RONNIE L. McATEE, Inmate #B36520, Plaintiff,
v.
DONALD N. SNYDER, ROGER E. WALKER, JONATHAN R. WALLS, EUGENE M. McADORY, WILLIAM SPILLER, DR. F. AHMED, PAM GRUBMAN, MAVIS GROSS, DOUGLAS CRAVENS, ROBERT S. GALES, and E. WINE, Defendants.



The opinion of the court was delivered by: WILLIAM STIEHL, Senior District Judge

MEMORANDUM AND ORDER

Plaintiff, an inmate in the Menard Correctional Center, brings this action for deprivations of his constitutional rights pursuant to 42 U.S.C. § 1983. Plaintiff previously was granted leave to proceed in forma pauperis, and he has tendered his initial partial filing fee as ordered.

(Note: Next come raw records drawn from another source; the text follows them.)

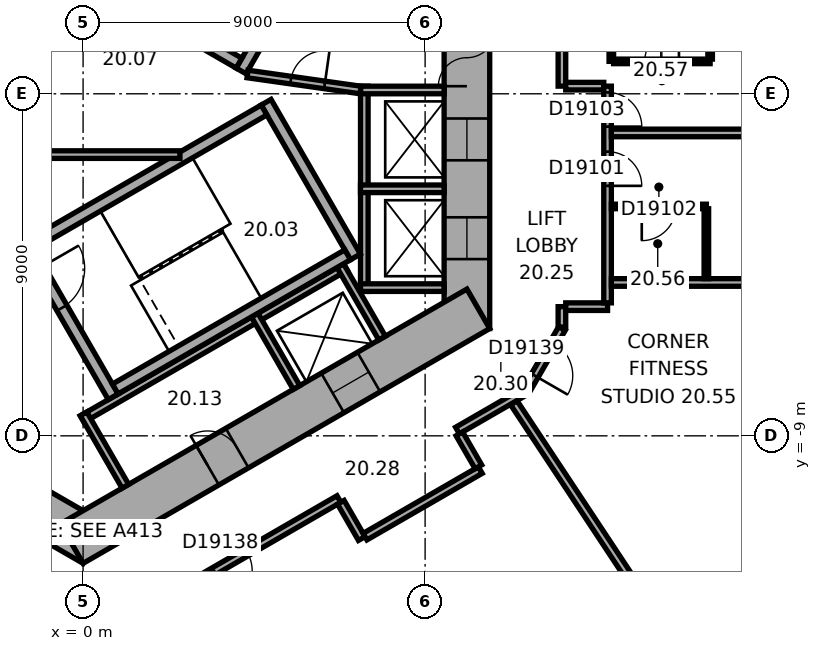
"""IFC4 building model, lengths in metres.
Left out: names, types, materials, properties, quantities, classifications, styles, units other than length and angle.
Written with IfcOpenShell. Run it as: python <this file> out.ifc"""

import sys

from ifc_helpers import new_model, si_unit, direction, frame, frame_2d, origin, place, context, subcontext, project, spatial, rectangle, extrude, element, fill, save


model = new_model("IFC4")
c1 = context("Model", 3, precision=1e-05, world=origin(), true_north=direction((0.0, 1.0)))
c2 = subcontext(c1, "Body", "Model", "MODEL_VIEW")
j1 = project(units=[si_unit("LENGTHUNIT", "METRE"), si_unit("PLANEANGLEUNIT", "RADIAN")], contexts=[c1])
p1 = place(None, origin())
s1 = spatial("IfcSite", under=j1, at=p1, CompositionType="ELEMENT")
p2 = place(p1, origin())
s2 = spatial("IfcBuilding", under=s1, at=p2, CompositionType="ELEMENT")
p3 = place(p2, frame((0.0, 0.0, 90.2)))
s3 = spatial("IfcBuildingStorey", under=s2, at=p3, CompositionType="ELEMENT", Elevation=90.2)
p4 = place(p3, frame((10.1, -6.177, 0.0), z_axis=(0.0, 0.0, 1.0), x_axis=(0.0, 1.0, 0.0)))
e1 = element("IfcWall", 1, at=p4, inside=s3, PredefinedType="SHEAR", context=c2, shape_type="SweptSolid", body=[
    extrude(rectangle(XDim=12.355, YDim=1.2, at=frame_2d((6.177, 0.0))), origin(), (0.0, 0.0, 1.0), 3.3),
])
p5 = place(p4, frame((6.378, 0.0, 0.0)))
e2 = element("IfcOpeningElement", 2, at=p5, cuts=e1, PredefinedType="OPENING", context=c2, shape_type="SweptSolid", body=[
    extrude(rectangle(XDim=1.5, YDim=2.1, at=frame_2d((0.75, 1.05))), frame((0.0, 0.61, 0.0), z_axis=(0.0, -1.0, 0.0), x_axis=(1.0, 0.0, 0.0)), (0.0, 0.0, 1.0), 1.22),
])
p6 = place(p4, frame((1.828, 0.0, 0.0)))
e3 = element("IfcOpeningElement", 3, at=p6, cuts=e1, PredefinedType="OPENING", context=c2, shape_type="SweptSolid", body=[
    extrude(rectangle(XDim=1.1, YDim=2.1, at=frame_2d((0.55, 1.05))), frame((0.0, 0.61, 0.0), z_axis=(0.0, -1.0, 0.0), x_axis=(1.0, 0.0, 0.0)), (0.0, 0.0, 1.0), 1.22),
])
p7 = place(p4, frame((4.427, 0.0, 0.0)))
e4 = element("IfcOpeningElement", 4, at=p7, cuts=e1, PredefinedType="OPENING", context=c2, shape_type="SweptSolid", body=[
    extrude(rectangle(XDim=1.1, YDim=2.1, at=frame_2d((0.55, 1.05))), frame((0.0, 0.61, 0.0), z_axis=(0.0, -1.0, 0.0), x_axis=(1.0, 0.0, 0.0)), (0.0, 0.0, 1.0), 1.22),
])
p8 = place(p3, frame((-10.4, -5.658, 0.0), z_axis=(0.0, 0.0, 1.0), x_axis=(0.866021384402, -0.500006961711, 0.0)))
e5 = element("IfcWall", 5, at=p8, inside=s3, PredefinedType="SHEAR", context=c2, shape_type="SweptSolid", body=[
    extrude(rectangle(XDim=12.355, YDim=1.2, at=frame_2d((6.178, 0.0))), origin(), (0.0, 0.0, 1.0), 3.3),
])
p9 = place(p8, frame((6.378, 0.0, 0.0)))
e6 = element("IfcOpeningElement", 6, at=p9, cuts=e5, PredefinedType="OPENING", context=c2, shape_type="SweptSolid", body=[
    extrude(rectangle(XDim=1.5, YDim=2.1, at=frame_2d((0.75, 1.05))), frame((0.0, 0.61, 0.0), z_axis=(0.0, -1.0, 0.0), x_axis=(1.0, 0.0, 0.0)), (0.0, 0.0, 1.0), 1.22),
])
p10 = place(p8, frame((3.228, 0.0, 0.0)))
e7 = element("IfcOpeningElement", 7, at=p10, cuts=e5, PredefinedType="OPENING", context=c2, shape_type="SweptSolid", body=[
    extrude(rectangle(XDim=0.9, YDim=2.1, at=frame_2d((0.45, 1.05))), frame((0.0, 0.61, 0.0), z_axis=(0.0, -1.0, 0.0), x_axis=(1.0, 0.0, 0.0)), (0.0, 0.0, 1.0), 1.22),
])
p11 = place(p3, frame((-0.3, -11.836, 0.0), z_axis=(0.0, 0.0, 1.0), x_axis=(0.866021384402, 0.500006961711, 0.0)))
e8 = element("IfcWall", 8, at=p11, inside=s3, PredefinedType="SHEAR", context=c2, shape_type="SweptSolid", body=[
    extrude(rectangle(XDim=12.355, YDim=1.2, at=frame_2d((6.178, 0.0))), origin(), (0.0, 0.0, 1.0), 3.3),
])
p12 = place(p11, frame((4.128, 0.0, 0.0)))
e9 = element("IfcOpeningElement", 9, at=p12, cuts=e8, PredefinedType="OPENING", context=c2, shape_type="SweptSolid", body=[
    extrude(rectangle(XDim=0.9, YDim=2.1, at=frame_2d((0.45, 1.05))), frame((0.0, 0.61, 0.0), z_axis=(0.0, -1.0, 0.0), x_axis=(1.0, 0.0, 0.0)), (0.0, 0.0, 1.0), 1.22),
])
p13 = place(p11, frame((7.928, 0.0, 0.0)))
e10 = element("IfcOpeningElement", 10, at=p13, cuts=e8, PredefinedType="OPENING", context=c2, shape_type="SweptSolid", body=[
    extrude(rectangle(XDim=1.1, YDim=2.1, at=frame_2d((0.55, 1.05))), frame((0.0, 0.61, 0.0), z_axis=(0.0, -1.0, 0.0), x_axis=(1.0, 0.0, 0.0)), (0.0, 0.0, 1.0), 1.22),
])
p14 = place(p3, frame((7.4, -5.2, 0.0), z_axis=(0.0, 0.0, 1.0), x_axis=(0.0, 1.0, 0.0)))
e11 = element("IfcWall", 11, at=p14, inside=s3, PredefinedType="PARTITIONING", context=c2, shape_type="SweptSolid", body=[
    extrude(rectangle(XDim=5.4, YDim=0.2, at=frame_2d((2.7, 0.0))), origin(), (0.0, 0.0, 1.0), 3.05),
])
for number, where, z_axis, x_axis in (
    (12, (7.3, -5.1, 0.0), (0.0, 0.0, 1.0), (1.0, 0.0, 0.0)),
    (13, (7.3, -2.5, 0.0), (0.0, 0.0, 1.0), (1.0, 0.0, 0.0)),
    (14, (7.3, 0.1, 0.0), (0.0, 0.0, 1.0), (1.0, 0.0, 0.0)),
):
    element("IfcWall", number, at=place(p3, frame(where, z_axis=z_axis, x_axis=x_axis)), inside=s3, PredefinedType="PARTITIONING", context=c2, shape_type="SweptSolid", body=[
        extrude(rectangle(XDim=2.2, YDim=0.2, at=frame_2d((1.1, 0.0))), origin(), (0.0, 0.0, 1.0), 3.05),
    ])
p15 = place(p3, frame((-0.024, -8.559, 0.0), z_axis=(0.0, 0.0, 1.0), x_axis=(0.866026010844, 0.49999894854, 0.0)))
e15 = element("IfcWall", 15, at=p15, inside=s3, PredefinedType="PARTITIONING", context=c2, shape_type="SweptSolid", body=[
    extrude(rectangle(XDim=8.0, YDim=0.2, at=frame_2d((4.0, 0.0))), origin(), (0.0, 0.0, 1.0), 3.05),
])
for number, where, z_axis, x_axis in (
    (16, (0.013, -8.422, 0.0), (0.0, 0.0, 1.0), (0.5, -0.866, 0.0)),
    (17, (4.516, -5.822, 0.0), (0.0, 0.0, 1.0), (0.5, -0.866, 0.0)),
    (18, (6.768, -4.522, 0.0), (0.0, 0.0, 1.0), (0.5, -0.866, 0.0)),
):
    element("IfcWall", number, at=place(p3, frame(where, z_axis=z_axis, x_axis=x_axis)), inside=s3, PredefinedType="PARTITIONING", context=c2, shape_type="SweptSolid", body=[
        extrude(rectangle(XDim=2.2, YDim=0.2, at=frame_2d((1.1, 0.0))), origin(), (0.0, 0.0, 1.0), 3.05),
    ])
p16 = place(p3, frame((4.158, 0.602, 0.0), z_axis=(0.0, 0.0, 1.0), x_axis=(0.499977259774, 0.866038532462, 0.0)))
e19 = element("IfcWall", 19, at=p16, inside=s3, PredefinedType="SHEAR", context=c2, shape_type="SweptSolid", body=[
    extrude(rectangle(XDim=4.7, YDim=0.3, at=frame_2d((2.35, 0.0))), origin(), (0.0, 0.0, 1.0), 3.05),
])
p17 = place(p16, frame((0.8, 0.0, 0.0)))
e20 = element("IfcOpeningElement", 20, at=p17, cuts=e19, PredefinedType="OPENING", context=c2, shape_type="SweptSolid", body=[
    extrude(rectangle(XDim=1.2, YDim=2.1, at=frame_2d((0.6, 1.05))), frame((0.0, 0.16, 0.0), z_axis=(0.0, -1.0, 0.0), x_axis=(1.0, 0.0, 0.0)), (0.0, 0.0, 1.0), 0.32),
])
p18 = place(p3, frame((4.103, 0.807, 0.0), z_axis=(0.0, 0.0, 1.0), x_axis=(-0.866027801685, 0.499995846692, 0.0)))
e21 = element("IfcWall", 21, at=p18, inside=s3, PredefinedType="SHEAR", context=c2, shape_type="SweptSolid", body=[
    extrude(rectangle(XDim=7.06, YDim=0.3, at=frame_2d((3.53, 0.0))), origin(), (0.0, 0.0, 1.0), 3.05),
])
p19 = place(p3, frame((-1.558, -3.902, 0.0), z_axis=(0.0, 0.0, 1.0), x_axis=(0.499977259774, -0.866038532462, 0.0)))
e22 = element("IfcWall", 22, at=p19, inside=s3, PredefinedType="SHEAR", context=c2, shape_type="SweptSolid", body=[
    extrude(rectangle(XDim=4.7, YDim=0.3, at=frame_2d((2.35, 0.0))), origin(), (0.0, 0.0, 1.0), 3.05),
])
p20 = place(p19, frame((0.8, 0.0, 0.0)))
e23 = element("IfcOpeningElement", 23, at=p20, cuts=e22, PredefinedType="OPENING", context=c2, shape_type="SweptSolid", body=[
    extrude(rectangle(XDim=1.2, YDim=2.1, at=frame_2d((0.6, 1.05))), frame((0.0, 0.16, 0.0), z_axis=(0.0, -1.0, 0.0), x_axis=(1.0, 0.0, 0.0)), (0.0, 0.0, 1.0), 0.32),
])
p21 = place(p3, frame((4.816, -0.222, 0.0), z_axis=(0.0, 0.0, 1.0), x_axis=(0.499977259774, -0.866038532462, 0.0)))
e24 = element("IfcWall", 24, at=p21, inside=s3, PredefinedType="SHEAR", context=c2, shape_type="SweptSolid", body=[
    extrude(rectangle(XDim=4.7, YDim=0.3, at=frame_2d((2.35, 0.0))), origin(), (0.0, 0.0, 1.0), 3.05),
])
for number, where, z_axis, x_axis in (
    (25, (-1.353, -3.957, 0.0), (0.0, 0.0, 1.0), (0.866, 0.5, 0.0)),
    (26, (0.847, -7.767, 0.0), (0.0, 0.0, 1.0), (0.866, 0.5, 0.0)),
):
    element("IfcWall", number, at=place(p3, frame(where, z_axis=z_axis, x_axis=x_axis)), inside=s3, PredefinedType="SHEAR", context=c2, shape_type="SweptSolid", body=[
        extrude(rectangle(XDim=7.06, YDim=0.3, at=frame_2d((3.53, 0.0))), origin(), (0.0, 0.0, 1.0), 3.05),
    ])
p22 = place(p3, frame((4.327, 0.521, 0.0), z_axis=(0.0, 0.0, 1.0), x_axis=(0.990124376366, -0.14019172346, 0.0)))
e27 = element("IfcWall", 27, at=p22, inside=s3, PredefinedType="PARTITIONING", context=c2, shape_type="SweptSolid", body=[
    extrude(rectangle(XDim=3.002, YDim=0.2, at=frame_2d((1.501, 0.0))), origin(), (0.0, 0.0, 1.0), 3.05),
])
p23 = place(p22, frame((1.15, 0.0, 0.0)))
e28 = element("IfcOpeningElement", 28, at=p23, cuts=e27, PredefinedType="OPENING", context=c2, shape_type="SweptSolid", body=[
    extrude(rectangle(XDim=0.9, YDim=2.1, at=frame_2d((0.45, 1.05))), frame((0.0, 0.11, 0.0), z_axis=(0.0, -1.0, 0.0), x_axis=(1.0, 0.0, 0.0)), (0.0, 0.0, 1.0), 0.22),
])
p24 = place(p3, frame((-2.72, -1.6, 0.0), z_axis=(0.0, 0.0, 1.0), x_axis=(1.0, 0.0, 0.0)))
e29 = element("IfcWall", 29, at=p24, inside=s3, PredefinedType="PARTITIONING", context=c2, shape_type="SweptSolid", body=[
    extrude(rectangle(XDim=5.269, YDim=0.2, at=frame_2d((2.634, 0.0))), origin(), (0.0, 0.0, 1.0), 3.05),
])
p25 = place(p3, frame((1.033, -13.953, 0.0), z_axis=(0.0, 0.0, 1.0), x_axis=(0.866017531406, 0.500013635111, 0.0)))
e30 = element("IfcWall", 30, at=p25, inside=s3, PredefinedType="PARTITIONING", context=c2, shape_type="SweptSolid", body=[
    extrude(rectangle(XDim=6.58, YDim=0.2, at=frame_2d((3.29, 0.0))), origin(), (0.0, 0.0, 1.0), 3.05),
])
p26 = place(p25, frame((2.79, 0.0, 0.0)))
e31 = element("IfcOpeningElement", 31, at=p26, cuts=e30, PredefinedType="OPENING", context=c2, shape_type="SweptSolid", body=[
    extrude(rectangle(XDim=1.0, YDim=2.1, at=frame_2d((0.5, 1.05))), frame((0.0, 0.11, 0.0), z_axis=(0.0, -1.0, 0.0), x_axis=(1.0, 0.0, 0.0)), (0.0, 0.0, 1.0), 0.22),
])
p27 = place(p3, frame((6.782, -10.749, 0.0), z_axis=(0.0, 0.0, 1.0), x_axis=(0.500074377092, -0.865982457891, 0.0)))
e32 = element("IfcWall", 32, at=p27, inside=s3, PredefinedType="PARTITIONING", context=c2, shape_type="SweptSolid", body=[
    extrude(rectangle(XDim=1.101, YDim=0.2, at=frame_2d((0.55, 0.0))), origin(), (0.0, 0.0, 1.0), 3.05),
])
p28 = place(p3, frame((7.419, -11.653, 0.0), z_axis=(0.0, 0.0, 1.0), x_axis=(0.866038154057, 0.49997791523, 0.0)))
e33 = element("IfcWall", 33, at=p28, inside=s3, PredefinedType="PARTITIONING", context=c2, shape_type="SweptSolid", body=[
    extrude(rectangle(XDim=3.502, YDim=0.2, at=frame_2d((1.751, 0.0))), origin(), (0.0, 0.0, 1.0), 3.05),
])
p29 = place(p3, frame((9.852, -8.861, 0.0), z_axis=(0.0, 0.0, 1.0), x_axis=(0.866013291437, 0.500020978615, 0.0)))
e34 = element("IfcWall", 34, at=p29, inside=s3, PredefinedType="PARTITIONING", context=c2, shape_type="SweptSolid", body=[
    extrude(rectangle(XDim=2.077, YDim=0.2, at=frame_2d((1.038, 0.0))), origin(), (0.0, 0.0, 1.0), 3.05),
])
p30 = place(p3, frame((10.402, -9.815, 0.0), z_axis=(0.0, 0.0, 1.0), x_axis=(-0.499968756647, 0.866043441391, 0.0)))
e35 = element("IfcWall", 35, at=p30, inside=s3, PredefinedType="PARTITIONING", context=c2, shape_type="SweptSolid", body=[
    extrude(rectangle(XDim=1.001, YDim=0.2, at=frame_2d((0.5, 0.0))), origin(), (0.0, 0.0, 1.0), 3.05),
])
p31 = place(p3, frame((11.67, -7.788, 0.0), z_axis=(0.0, 0.0, 1.0), x_axis=(0.500063286585, 0.865988862174, 0.0)))
e36 = element("IfcWall", 36, at=p31, inside=s3, PredefinedType="PARTITIONING", context=c2, shape_type="SweptSolid", body=[
    extrude(rectangle(XDim=1.86, YDim=0.2, at=frame_2d((0.93, 0.0))), origin(), (0.0, 0.0, 1.0), 3.05),
])
p32 = place(p31, frame((0.43, 0.0, 0.0)))
e37 = element("IfcOpeningElement", 37, at=p32, cuts=e36, PredefinedType="OPENING", context=c2, shape_type="SweptSolid", body=[
    extrude(rectangle(XDim=1.0, YDim=2.1, at=frame_2d((0.5, 1.05))), frame((0.0, 0.11, 0.0), z_axis=(0.0, -1.0, 0.0), x_axis=(1.0, 0.0, 0.0)), (0.0, 0.0, 1.0), 0.22),
])
p33 = place(p3, frame((12.6, -6.138, 0.0), z_axis=(0.0, 0.0, 1.0), x_axis=(0.0, 1.0, 0.0)))
e38 = element("IfcWall", 38, at=p33, inside=s3, PredefinedType="PARTITIONING", context=c2, shape_type="SweptSolid", body=[
    extrude(rectangle(XDim=0.537, YDim=0.2, at=frame_2d((0.268, 0.0))), origin(), (0.0, 0.0, 1.0), 3.05),
])
p34 = place(p3, frame((12.6, 0.201, 0.0), z_axis=(0.0, 0.0, 1.0), x_axis=(0.0, 1.0, 0.0)))
e39 = element("IfcWall", 39, at=p34, inside=s3, PredefinedType="PARTITIONING", context=c2, shape_type="SweptSolid", body=[
    extrude(rectangle(XDim=2.604, YDim=0.2, at=frame_2d((1.302, 0.0))), origin(), (0.0, 0.0, 1.0), 3.05),
])
p35 = place(p3, frame((12.7, -5.601, 0.0), z_axis=(0.0, 0.0, 1.0), x_axis=(1.0, 0.0, 0.0)))
e40 = element("IfcWall", 40, at=p35, inside=s3, PredefinedType="PARTITIONING", context=c2, shape_type="SweptSolid", body=[
    extrude(rectangle(XDim=1.101, YDim=0.2, at=frame_2d((0.551, 0.0))), origin(), (0.0, 0.0, 1.0), 3.05),
])
p36 = place(p3, frame((13.701, 0.201, 0.0), z_axis=(0.0, 0.0, 1.0), x_axis=(-1.0, 0.0, 0.0)))
e41 = element("IfcWall", 41, at=p36, inside=s3, PredefinedType="PARTITIONING", context=c2, shape_type="SweptSolid", body=[
    extrude(rectangle(XDim=1.001, YDim=0.2, at=frame_2d((0.5, 0.0))), origin(), (0.0, 0.0, 1.0), 3.05),
])
p37 = place(p3, frame((13.801, -5.501, 0.0), z_axis=(0.0, 0.0, 1.0), x_axis=(0.0, 1.0, 0.0)))
e42 = element("IfcWall", 42, at=p37, inside=s3, PredefinedType="PARTITIONING", context=c2, shape_type="SweptSolid", body=[
    extrude(rectangle(XDim=5.702, YDim=0.2, at=frame_2d((2.851, 0.0))), origin(), (0.0, 0.0, 1.0), 3.05),
])
p38 = place(p37, frame((3.079, 0.0, 0.0)))
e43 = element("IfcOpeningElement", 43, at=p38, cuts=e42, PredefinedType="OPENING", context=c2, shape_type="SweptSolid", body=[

To facilitate the orderly management of future proceedings in this case, and in accordance with the objectives of Federal Rules of Civil Procedure 8(f) and 10(b), the Court finds it appropriate to break the claims in plaintiff's pro se complaint and other pleadings into numbered counts, as shown below. Although these counts do not correspond directly to the legal claims as described by Plaintiff, they are based on the Court's determination of the claims that arise out of the facts stated in Plaintiff's complaint. The parties and the Court will use these designations in all future pleadings and orders, unless otherwise directed by a judicial officer of this Court. The designation of these counts does not constitute an opinion as to their merit. COUNT 1: Against defendants Grubman and Ahmed for deliberate indifference to Plaintiff's serious medical needs, in violation of the Eighth Amendment.

 
COUNT 2: Against all defendants for violation of the Rehabilitation Act
COUNT 3: Against defendants Spiller, Wine, Gales, Walls, McAdory, Gross, Cravens, and Snyder for cruel and unusual conditions of confinement in violation of the Eighth Amendment.
COUNT 4: Against all defendants for violation of the Equal Protection clause of the Fourteenth Amendment.
COUNT 5: Against all defendants for violation of his due process rights in connection with his long-term confinement in segregation.
  This case is now before the Court for a preliminary review of the complaint pursuant to 28 U.S.C. § 1915A, which provides, in pertinent part:
 
(a) Screening. — The court shall review, before docketing, if feasible or, in any event, as soon as practicable after docketing, a complaint in a civil action in which a prisoner seeks redress from a governmental entity or officer or employee of a governmental entity.
(b) Grounds for Dismissal. — On review, the court shall identify cognizable claims or dismiss the complaint, or any portion of the complaint, if the complaint —
(1) is frivolous, malicious, or fails to state a claim on which relief may be granted; or
(2) seeks monetary relief from a defendant who is immune from such relief.
28 U.S.C. § 1915A. An action or claim is frivolous if "it lacks an arguable basis either in law or in fact." Neitzke v. Williams, 490 U.S. 319, 325 (1989). After evaluating plaintiff's claims individually, the Court finds it appropriate to exercise its authority under Section 1915A to dismiss those claims that are frivolous before allowing plaintiff to proceed with his remaining claims. See also House v. Belford, 956 F.2d 711, 718-19 (7th Cir. 1992).

  COUNT 1

  Plaintiff states that Defendants Grubman and Ahmed have been negligent or deliberately indifferent to his serious medical needs. Plaintiff states that he suffers from "extensive physical and psychological problems" including depression anxiety, panic disorder, migraine headaches, and atrophying of body tissue. Plaintiff further states that Defendants Grubman and Ahmed failed to review Plaintiff's medical and psychological condition before his was placed in a restrictive control cell and after he was released from the control cell, in violation of Illinois administrative rules.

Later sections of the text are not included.